Die M109L verfügt auch über ein fortschrittliches Feuerleitsystem, das eine hohe Genauigkeit und Feuereffizienz gewährleistet. Ihre hohe Geländegängigkeit, die gegenüber dem klassischen Modell ebenfalls verbessert wurde, erlaubt es der Panzerhaubitze zudem, nach dem Schießen schnell die Position zu wechseln.

Die ukrainischen Bedienmannschaften loben auch die Benutzerfreundlichkeit der „italienischen“ Panzerhaubitzen und heben hervor, dass sie den sowjetischen Modellen des Typs 2S3 Akazija überlegen sind. Die M109 L zeichnet sich gegenüber der 2S3 Akazija durch ein größeres Kaliber, eine stärkere Munition, eine größere Reichweite und Bedienfreundlichkeit sowie eine bessere Panzerung aus. Unter anderem hat die M109 L einen größeren Gefechtsraum, besitzt anstelle von Hebeln ein Lenkrad und verfügt anstelle eines mechanischen Getriebes ein automatisches Getriebe. Erfahrene Kanoniere loben auch die Qualität der 155-Millimeter-Granaten. Sie sind hermetisch versiegelt, sodass sie nie feucht werden.

Wertvolle Fronterfahrungen blieben nicht aus. Während der Feindseligkeiten hielt eine ukrainische Panzerhaubitze sogar drei Angriffen mit Tochka-U-Raketen stand, wobei sie selbst nur geringe Schäden erlitt. Die Explosion eines von der M109 abgefeuerten Geschosses, das nur wenige Meter von sowjetischen Schützenpanzern entfernt einschlug, führte hingegen zu deren schwerer Beschädigung oder vollständigen Zerstörung.

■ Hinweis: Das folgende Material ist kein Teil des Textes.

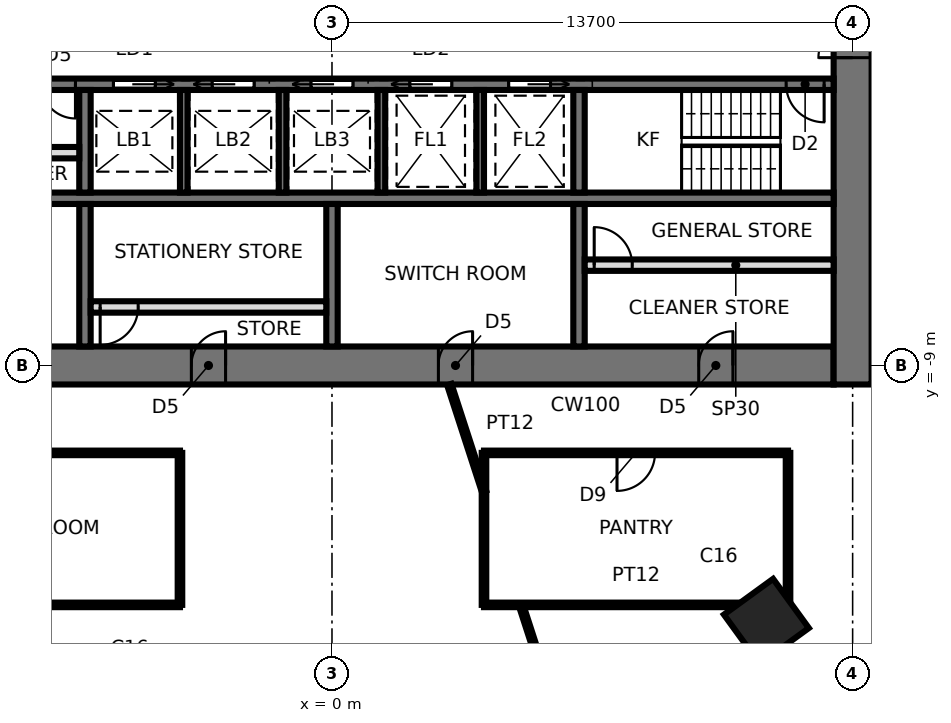
"""IFC4 building model, lengths in metres.
Left out: names, types, materials, properties, quantities, classifications, styles, units other than length and angle.
Written with IfcOpenShell. Run it as: python <this file> out.ifc"""

import sys

from ifc_helpers import new_model, si_unit, direction, frame, frame_2d, origin, origin_2d, place, context, subcontext, project, spatial, rectangle, extrude, element, fill, save


model = new_model("IFC4")
c1 = context("Model", 3, precision=1e-05, world=origin(), true_north=direction((0.0, 1.0)))
c2 = subcontext(c1, "Body", "Model", "MODEL_VIEW")
j1 = project(units=[si_unit("LENGTHUNIT", "METRE"), si_unit("PLANEANGLEUNIT", "RADIAN")], contexts=[c1])
p1 = place(None, origin())
s1 = spatial("IfcSite", under=j1, at=p1, CompositionType="ELEMENT")
p2 = place(p1, origin())
s2 = spatial("IfcBuilding", under=s1, at=p2, CompositionType="ELEMENT")
p3 = place(p2, frame((0.0, 0.0, 162.6)))
s3 = spatial("IfcBuildingStorey", under=s2, at=p3, CompositionType="ELEMENT", Elevation=162.6)
p4 = place(p3, frame((11.43, -15.733, 0.0), z_axis=(0.0, 0.0, 1.0), x_axis=(0.587785252292, -0.809016994375, 0.0)))
e1 = element("IfcColumn", 1, at=p4, inside=s3, PredefinedType="COLUMN", context=c2, shape_type="SweptSolid", body=[
    extrude(rectangle(XDim=1.6, YDim=1.6, at=origin_2d()), origin(), (0.0, 0.0, 1.0), 3.9),
])
p5 = place(p3, frame((-13.2, -9.0, 0.0), z_axis=(0.0, 0.0, 1.0), x_axis=(1.0, 0.0, 0.0)))
e2 = element("IfcWall", 2, at=p5, inside=s3, PredefinedType="SHEAR", context=c2, shape_type="SweptSolid", body=[
    extrude(rectangle(XDim=26.4, YDim=1.0, at=frame_2d((13.2, 0.0))), origin(), (0.0, 0.0, 1.0), 3.9),
])
p6 = place(p5, frame((2.65, 0.0, 0.0)))
e3 = element("IfcOpeningElement", 3, at=p6, cuts=e2, PredefinedType="OPENING", context=c2, shape_type="SweptSolid", body=[
    extrude(rectangle(XDim=0.9, YDim=2.1, at=frame_2d((0.45, 1.05))), frame((0.0, 0.51, 0.0), z_axis=(0.0, -1.0, 0.0), x_axis=(1.0, 0.0, 0.0)), (0.0, 0.0, 1.0), 1.02),
])
p7 = place(p5, frame((9.5, 0.0, 0.0)))
e4 = element("IfcOpeningElement", 4, at=p7, cuts=e2, PredefinedType="OPENING", context=c2, shape_type="SweptSolid", body=[
    extrude(rectangle(XDim=0.9, YDim=2.1, at=frame_2d((0.45, 1.05))), frame((0.0, 0.51, 0.0), z_axis=(0.0, -1.0, 0.0), x_axis=(1.0, 0.0, 0.0)), (0.0, 0.0, 1.0), 1.02),
])
p8 = place(p5, frame((16.0, 0.0, 0.0)))
e5 = element("IfcOpeningElement", 5, at=p8, cuts=e2, PredefinedType="OPENING", context=c2, shape_type="SweptSolid", body=[
    extrude(rectangle(XDim=0.9, YDim=2.1, at=frame_2d((0.45, 1.05))), frame((0.0, 0.51, 0.0), z_axis=(0.0, -1.0, 0.0), x_axis=(1.0, 0.0, 0.0)), (0.0, 0.0, 1.0), 1.02),
])
p9 = place(p5, frame((22.85, 0.0, 0.0)))
e6 = element("IfcOpeningElement", 6, at=p9, cuts=e2, PredefinedType="OPENING", context=c2, shape_type="SweptSolid", body=[
    extrude(rectangle(XDim=0.9, YDim=2.1, at=frame_2d((0.45, 1.05))), frame((0.0, 0.51, 0.0), z_axis=(0.0, -1.0, 0.0), x_axis=(1.0, 0.0, 0.0)), (0.0, 0.0, 1.0), 1.02),
])
p10 = place(p3, frame((13.7, -9.5, 0.0), z_axis=(0.0, 0.0, 1.0), x_axis=(0.0, 1.0, 0.0)))
e7 = element("IfcWall", 7, at=p10, inside=s3, PredefinedType="SHEAR", context=c2, shape_type="SweptSolid", body=[
    extrude(rectangle(XDim=19.0, YDim=1.0, at=frame_2d((9.5, 0.0))), origin(), (0.0, 0.0, 1.0), 3.9),
])
p11 = place(p10, frame((8.6, 0.0, 0.0)))
e8 = element("IfcOpeningElement", 8, at=p11, cuts=e7, PredefinedType="OPENING", context=c2, shape_type="SweptSolid", body=[
    extrude(rectangle(XDim=1.8, YDim=2.4, at=frame_2d((0.9, 1.2))), frame((0.0, 0.51, 0.0), z_axis=(0.0, -1.0, 0.0), x_axis=(1.0, 0.0, 0.0)), (0.0, 0.0, 1.0), 1.02),
])
p12 = place(p3, frame((-13.2, -1.6, 0.0), z_axis=(0.0, 0.0, 1.0), x_axis=(1.0, 0.0, 0.0)))
e9 = element("IfcWall", 9, at=p12, inside=s3, PredefinedType="SHEAR", context=c2, shape_type="SweptSolid", body=[
    extrude(rectangle(XDim=26.4, YDim=0.3, at=frame_2d((13.2, 0.0))), origin(), (0.0, 0.0, 1.0), 3.9),
])
p13 = place(p12, frame((25.15, 0.0, 0.0)))
e10 = element("IfcOpeningElement", 10, at=p13, cuts=e9, PredefinedType="OPENING", context=c2, shape_type="SweptSolid", body=[
    extrude(rectangle(XDim=1.0, YDim=2.1, at=frame_2d((0.5, 1.05))), frame((0.0, 0.16, 0.0), z_axis=(0.0, -1.0, 0.0), x_axis=(1.0, 0.0, 0.0)), (0.0, 0.0, 1.0), 0.32),
])
p14 = place(p12, frame((7.45, 0.0, 0.0)))
e11 = element("IfcOpeningElement", 11, at=p14, cuts=e9, PredefinedType="OPENING", context=c2, shape_type="SweptSolid", body=[
    extrude(rectangle(XDim=1.1, YDim=2.3, at=frame_2d((0.55, 1.15))), frame((0.0, 0.16, 0.0), z_axis=(0.0, -1.0, 0.0), x_axis=(1.0, 0.0, 0.0)), (0.0, 0.0, 1.0), 0.32),
])
p15 = place(p12, frame((10.05, 0.0, 0.0)))
e12 = element("IfcOpeningElement", 12, at=p15, cuts=e9, PredefinedType="OPENING", context=c2, shape_type="SweptSolid", body=[
    extrude(rectangle(XDim=1.1, YDim=2.3, at=frame_2d((0.55, 1.15))), frame((0.0, 0.16, 0.0), z_axis=(0.0, -1.0, 0.0), x_axis=(1.0, 0.0, 0.0)), (0.0, 0.0, 1.0), 0.32),
])
p16 = place(p12, frame((12.65, 0.0, 0.0)))
e13 = element("IfcOpeningElement", 13, at=p16, cuts=e9, PredefinedType="OPENING", context=c2, shape_type="SweptSolid", body=[
    extrude(rectangle(XDim=1.1, YDim=2.3, at=frame_2d((0.55, 1.15))), frame((0.0, 0.16, 0.0), z_axis=(0.0, -1.0, 0.0), x_axis=(1.0, 0.0, 0.0)), (0.0, 0.0, 1.0), 0.32),
])
p17 = place(p12, frame((15.25, 0.0, 0.0)))
e14 = element("IfcOpeningElement", 14, at=p17, cuts=e9, PredefinedType="OPENING", context=c2, shape_type="SweptSolid", body=[
    extrude(rectangle(XDim=1.1, YDim=2.3, at=frame_2d((0.55, 1.15))), frame((0.0, 0.16, 0.0), z_axis=(0.0, -1.0, 0.0), x_axis=(1.0, 0.0, 0.0)), (0.0, 0.0, 1.0), 0.32),
])
p18 = place(p12, frame((17.85, 0.0, 0.0)))
e15 = element("IfcOpeningElement", 15, at=p18, cuts=e9, PredefinedType="OPENING", context=c2, shape_type="SweptSolid", body=[
    extrude(rectangle(XDim=1.1, YDim=2.3, at=frame_2d((0.55, 1.15))), frame((0.0, 0.16, 0.0), z_axis=(0.0, -1.0, 0.0), x_axis=(1.0, 0.0, 0.0)), (0.0, 0.0, 1.0), 0.32),
])
p19 = place(p12, frame((5.55, 0.0, 0.0)))
e16 = element("IfcOpeningElement", 16, at=p19, cuts=e9, PredefinedType="OPENING", context=c2, shape_type="SweptSolid", body=[
    extrude(rectangle(XDim=0.9, YDim=2.1, at=frame_2d((0.45, 1.05))), frame((0.0, 0.16, 0.0), z_axis=(0.0, -1.0, 0.0), x_axis=(1.0, 0.0, 0.0)), (0.0, 0.0, 1.0), 0.32),
])
p20 = place(p3, frame((-13.2, -4.6, 0.0), z_axis=(0.0, 0.0, 1.0), x_axis=(1.0, 0.0, 0.0)))
e17 = element("IfcWall", 17, at=p20, inside=s3, PredefinedType="SHEAR", context=c2, shape_type="SweptSolid", body=[
    extrude(rectangle(XDim=26.4, YDim=0.3, at=frame_2d((13.2, 0.0))), origin(), (0.0, 0.0, 1.0), 3.9),
])
p21 = place(p3, frame((-6.5, -1.75, 0.0), z_axis=(0.0, 0.0, 1.0), x_axis=(0.0, -1.0, 0.0)))
e18 = element("IfcWall", 18, at=p21, inside=s3, PredefinedType="SHEAR", context=c2, shape_type="SweptSolid", body=[
    extrude(rectangle(XDim=2.7, YDim=0.3, at=frame_2d((1.35, 0.0))), origin(), (0.0, 0.0, 1.0), 3.9),
])
p22 = place(p3, frame((-6.5, -4.75, 0.0), z_axis=(0.0, 0.0, 1.0), x_axis=(0.0, -1.0, 0.0)))
e19 = element("IfcWall", 19, at=p22, inside=s3, PredefinedType="SHEAR", context=c2, shape_type="SweptSolid", body=[
    extrude(rectangle(XDim=3.75, YDim=0.3, at=frame_2d((1.875, 0.0))), origin(), (0.0, 0.0, 1.0), 3.9),
])
p23 = place(p3, frame((6.5, -1.75, 0.0), z_axis=(0.0, 0.0, 1.0), x_axis=(0.0, -1.0, 0.0)))
e20 = element("IfcWall", 20, at=p23, inside=s3, PredefinedType="SHEAR", context=c2, shape_type="SweptSolid", body=[
    extrude(rectangle(XDim=2.7, YDim=0.3, at=frame_2d((1.35, 0.0))), origin(), (0.0, 0.0, 1.0), 3.9),
])
p24 = place(p3, frame((6.5, -4.75, 0.0), z_axis=(0.0, 0.0, 1.0), x_axis=(0.0, -1.0, 0.0)))
e21 = element("IfcWall", 21, at=p24, inside=s3, PredefinedType="SHEAR", context=c2, shape_type="SweptSolid", body=[
    extrude(rectangle(XDim=3.75, YDim=0.3, at=frame_2d((1.875, 0.0))), origin(), (0.0, 0.0, 1.0), 3.9),
])
for number, where, z_axis, x_axis in (
    (22, (-3.9, -1.75, 0.0), (0.0, 0.0, 1.0), (0.0, -1.0, 0.0)),
    (23, (-1.3, -1.75, 0.0), (0.0, 0.0, 1.0), (0.0, -1.0, 0.0)),
    (24, (1.3, -1.75, 0.0), (0.0, 0.0, 1.0), (0.0, -1.0, 0.0)),
    (25, (3.9, -1.75, 0.0), (0.0, 0.0, 1.0), (0.0, -1.0, 0.0)),
):
    element("IfcWall", number, at=place(p3, frame(where, z_axis=z_axis, x_axis=x_axis)), inside=s3, PredefinedType="SHEAR", context=c2, shape_type="SweptSolid", body=[
        extrude(rectangle(XDim=2.7, YDim=0.2, at=frame_2d((1.35, 0.0))), origin(), (0.0, 0.0, 1.0), 3.9),
    ])
p25 = place(p3, frame((0.0, -4.75, 0.0), z_axis=(0.0, 0.0, 1.0), x_axis=(0.0, -1.0, 0.0)))
e26 = element("IfcWall", 26, at=p25, inside=s3, PredefinedType="SHEAR", context=c2, shape_type="SweptSolid", body=[
    extrude(rectangle(XDim=3.75, YDim=0.3, at=frame_2d((1.875, 0.0))), origin(), (0.0, 0.0, 1.0), 3.9),
])
p26 = place(p3, frame((-6.35, -7.46, 0.0), z_axis=(0.0, 0.0, 1.0), x_axis=(1.0, 0.0, 0.0)))
e27 = element("IfcWall", 27, at=p26, inside=s3, PredefinedType="PARTITIONING", context=c2, shape_type="SweptSolid", body=[
    extrude(rectangle(XDim=6.2, YDim=0.3, at=frame_2d((3.1, 0.0))), origin(), (0.0, 0.0, 1.0), 3.7),
])
p27 = place(p26, frame((0.25, 0.0, 0.0)))
e28 = element("IfcOpeningElement", 28, at=p27, cuts=e27, PredefinedType="OPENING", context=c2, shape_type="SweptSolid", body=[
    extrude(rectangle(XDim=1.0, YDim=2.4, at=frame_2d((0.5, 1.2))), frame((0.0, 0.16, 0.0), z_axis=(0.0, -1.0, 0.0), x_axis=(1.0, 0.0, 0.0)), (0.0, 0.0, 1.0), 0.32),
])
p28 = place(p3, frame((6.65, -6.36, 0.0), z_axis=(0.0, 0.0, 1.0), x_axis=(1.0, 0.0, 0.0)))
e29 = element("IfcWall", 29, at=p28, inside=s3, PredefinedType="PARTITIONING", context=c2, shape_type="SweptSolid", body=[
    extrude(rectangle(XDim=6.55, YDim=0.3, at=frame_2d((3.275, 0.0))), origin(), (0.0, 0.0, 1.0), 3.7),
])
p29 = place(p28, frame((0.25, 0.0, 0.0)))
e30 = element("IfcOpeningElement", 30, at=p29, cuts=e29, PredefinedType="OPENING", context=c2, shape_type="SweptSolid", body=[
    extrude(rectangle(XDim=1.0, YDim=2.4, at=frame_2d((0.5, 1.2))), frame((0.0, 0.16, 0.0), z_axis=(0.0, -1.0, 0.0), x_axis=(1.0, 0.0, 0.0)), (0.0, 0.0, 1.0), 0.32),
])
p30 = place(p3, frame((-13.2, -3.4, 0.0), z_axis=(0.0, 0.0, 1.0), x_axis=(1.0, 0.0, 0.0)))
e31 = element("IfcWall", 31, at=p30, inside=s3, PredefinedType="SOLIDWALL", context=c2, shape_type="SweptSolid", body=[
    extrude(rectangle(XDim=6.55, YDim=0.3, at=frame_2d((3.275, 0.0))), origin(), (0.0, 0.0, 1.0), 3.7),
])
p31 = place(p30, frame((0.25, 0.0, 0.0)))
e32 = element("IfcOpeningElement", 32, at=p31, cuts=e31, PredefinedType="OPENING", context=c2, shape_type="SweptSolid", body=[
    extrude(rectangle(XDim=0.9, YDim=2.1, at=frame_2d((0.45, 1.05))), frame((0.0, 0.16, 0.0), z_axis=(0.0, -1.0, 0.0), x_axis=(1.0, 0.0, 0.0)), (0.0, 0.0, 1.0), 0.32),
])
p32 = place(p3, frame((-12.0, -11.3, 0.0), z_axis=(0.0, 0.0, 1.0), x_axis=(1.0, 0.0, 0.0)))
e33 = element("IfcWall", 33, at=p32, inside=s3, PredefinedType="PARTITIONING", context=c2, shape_type="SweptSolid", body=[
    extrude(rectangle(XDim=8.0, YDim=0.12, at=frame_2d((4.0, 0.0))), origin(), (0.0, 0.0, 1.0), 3.7),
])
p33 = place(p32, frame((3.5, 0.0, 0.0)))
e34 = element("IfcOpeningElement", 34, at=p33, cuts=e33, PredefinedType="OPENING", context=c2, shape_type="SweptSolid", body=[
    extrude(rectangle(XDim=1.0, YDim=2.4, at=frame_2d((0.5, 1.2))), frame((0.0, 0.07, 0.0), z_axis=(0.0, -1.0, 0.0), x_axis=(1.0, 0.0, 0.0)), (0.0, 0.0, 1.0), 0.14),
])
p34 = place(p3, frame((-4.0, -15.3, 0.0), z_axis=(0.0, 0.0, 1.0), x_axis=(-1.0, 0.0, 0.0)))
e35 = element("IfcWall", 35, at=p34, inside=s3, PredefinedType="PARTITIONING", context=c2, shape_type="SweptSolid", body=[
    extrude(rectangle(XDim=8.0, YDim=0.12, at=frame_2d((4.0, 0.0))), origin(), (0.0, 0.0, 1.0), 3.24),
])
for number, where, z_axis, x_axis in (
    (36, (-4.0, -11.3, 0.0), (0.0, 0.0, 1.0), (0.0, -1.0, 0.0)),
    (37, (4.0, -11.3, 0.0), (0.0, 0.0, 1.0), (0.0, -1.0, 0.0)),
):
    element("IfcWall", number, at=place(p3, frame(where, z_axis=z_axis, x_axis=x_axis)), inside=s3, PredefinedType="PARTITIONING", context=c2, shape_type="SweptSolid", body=[
        extrude(rectangle(XDim=4.0, YDim=0.12, at=frame_2d((2.0, 0.0))), origin(), (0.0, 0.0, 1.0), 3.7),
    ])
p35 = place(p3, frame((3.087, -9.5, 0.0), z_axis=(0.0, 0.0, 1.0), x_axis=(0.309031903466, -0.951051671908, 0.0)))
e38 = element("IfcWall", 38, at=p35, inside=s3, PredefinedType="PARTITIONING", context=c2, shape_type="SweptSolid", body=[
    extrude(rectangle(XDim=2.956, YDim=0.12, at=frame_2d((1.478, 0.0))), origin(), (0.0, 0.0, 1.0), 2.7),
])
p36 = place(p3, frame((4.971, -15.3, 0.0), z_axis=(0.0, 0.0, 1.0), x_axis=(0.309041065628, -0.951048694734, 0.0)))
e39 = element("IfcWall", 39, at=p36, inside=s3, PredefinedType="PARTITIONING", context=c2, shape_type="SweptSolid", body=[
    extrude(rectangle(XDim=6.01, YDim=0.12, at=frame_2d((3.005, 0.0))), origin(), (0.0, 0.0, 1.0), 2.7),
])
p37 = place(p3, frame((4.0, -15.3, 0.0), z_axis=(0.0, 0.0, 1.0), x_axis=(1.0, 0.0, 0.0)))
e40 = element("IfcWall", 40, at=p37, inside=s3, PredefinedType="PARTITIONING", context=c2, shape_type="SweptSolid", body=[
    extrude(rectangle(XDim=8.0, YDim=0.12, at=frame_2d((4.0, 0.0))), origin(), (0.0, 0.0, 1.0), 3.24),
])
p38 = place(p3, frame((12.0, -11.3, 0.0), z_axis=(0.0, 0.0, 1.0), x_axis=(-1.0, 0.0, 0.0)))
e41 = element("IfcWall", 41, at=p38, inside=s3, PredefinedType="PARTITIONING", context=c2, shape_type="SweptSolid", body=[
    extrude(rectangle(XDim=8.0, YDim=0.12, at=frame_2d((4.0, 0.0))), origin(), (0.0, 0.0, 1.0), 3.7),
])
p39 = place(p38, frame((3.5, 0.0, 0.0)))
e42 = element("IfcOpeningElement", 42, at=p39, cuts=e41, PredefinedType="OPENING", context=c2, shape_type="SweptSolid", body=[
    extrude(rectangle(XDim=1.0, YDim=2.4, at=frame_2d((0.5, 1.2))), frame((0.0, 0.07, 0.0), z_axis=(0.0, -1.0, 0.0), x_axis=(1.0, 0.0, 0.0)), (0.0, 0.0, 1.0), 0.14),
])
p40 = place(p3, frame((12.0, -15.3, 0.0), z_axis=(0.0, 0.0, 1.0), x_axis=(0.0, 1.0, 0.0)))
e43 = element("IfcWall", 43, at=p40, inside=s3, PredefinedType="PARTITIONING", context=c2, shape_type="SweptSolid", body=[
    extrude(rectangle(XDim=4.0, YDim=0.12, at=frame_2d((2.0, 0.0))), origin(), (0.0, 0.0, 1.0), 3.7),
])
p41 = place(p11, origin())
e44 = element("IfcDoor", 44, at=p41, inside=s3, OperationType="DOUBLE_DOOR_SINGLE_SWING", PredefinedType="DOOR", context=c2, shape_type="SweptSolid", body=[
    extrude(rectangle(XDim=1.72, YDim=2.36, at=frame_2d((0.9, 1.18))), frame((0.0, 0.025, 0.0), z_axis=(0.0, -1.0, 0.0), x_axis=(1.0, 0.0, 0.0)), (0.0, 0.0, 1.0), 0.05),
    extrude(rectangle(XDim=0.04, YDim=2.4, at=frame_2d((0.02, 1.2))), frame((0.0, 0.25, 0.0), z_axis=(0.0, -1.0, 0.0), x_axis=(1.0, 0.0, 0.0)), (0.0, 0.0, 1.0), 0.5),
    extrude(rectangle(XDim=0.04, YDim=2.4, at=frame_2d((1.78, 1.2))), frame((0.0, 0.25, 0.0), z_axis=(0.0, -1.0, 0.0), x_axis=(1.0, 0.0, 0.0)), (0.0, 0.0, 1.0), 0.5),
    extrude(rectangle(XDim=1.72, YDim=0.04, at=frame_2d((0.9, 2.38))), frame((0.0, 0.25, 0.0), z_axis=(0.0, -1.0, 0.0), x_axis=(1.0, 0.0, 0.0)), (0.0, 0.0, 1.0), 0.5),
])
fill(e8, e44)
p42 = place(p13, frame((1.0, 0.0, 0.0), z_axis=(0.0, 0.0, 1.0), x_axis=(-1.0, 0.0, 0.0)))
e45 = element("IfcDoor", 45, at=p42, inside=s3, OperationType="SINGLE_SWING_LEFT", PredefinedType="DOOR", context=c2, shape_type="SweptSolid", body=[
    extrude(rectangle(XDim=1.0, YDim=2.1, at=frame_2d((0.5, 1.05))), frame((0.0, 0.025, 0.0), z_axis=(0.0, -1.0, 0.0), x_axis=(1.0, 0.0, 0.0)), (0.0, 0.0, 1.0), 0.05),
])
fill(e10, e45)
p43 = place(p14, frame((1.1, 0.0, 0.0), z_axis=(0.0, 0.0, 1.0), x_axis=(-1.0, 0.0, 0.0)))
e46 = element("IfcDoor", 46, at=p43, inside=s3, OperationType="SLIDING_TO_LEFT", PredefinedType="DOOR", context=c2, shape_type="SweptSolid", body=[
    extrude(rectangle(XDim=1.1, YDim=2.3, at=frame_2d((0.55, 1.15))), frame((0.0, 0.025, 0.0), z_axis=(0.0, -1.0, 0.0), x_axis=(1.0, 0.0, 0.0)), (0.0, 0.0, 1.0), 0.05),
])
fill(e11, e46)
p44 = place(p15, frame((1.1, 0.0, 0.0), z_axis=(0.0, 0.0, 1.0), x_axis=(-1.0, 0.0, 0.0)))
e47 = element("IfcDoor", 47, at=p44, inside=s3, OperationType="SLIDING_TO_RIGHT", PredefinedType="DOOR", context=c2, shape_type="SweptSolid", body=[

Die Ukrainer sollen von den Leistungen der M109 L sehr angetan sein. Von den schweren Panzerhaubitzen erhoffen sich die Ukrainer nicht nur zum Halten der Front beizutragen, sondern auch einen vielleicht entscheidenden Beitrag zur geplanten Gegenoffensive zu liefern.

APA/APA/AFP/JOHANNA GERON

Angesichts der bedeutenden Unterstützung der Ukraine durch Italien, die von der neuen italienischen Regierung noch weiter intensiviert und ausgeweitet wurde, verwundert es nicht, dass Giorgia Meloni in Kiew ein gerne gesehener Gast ist.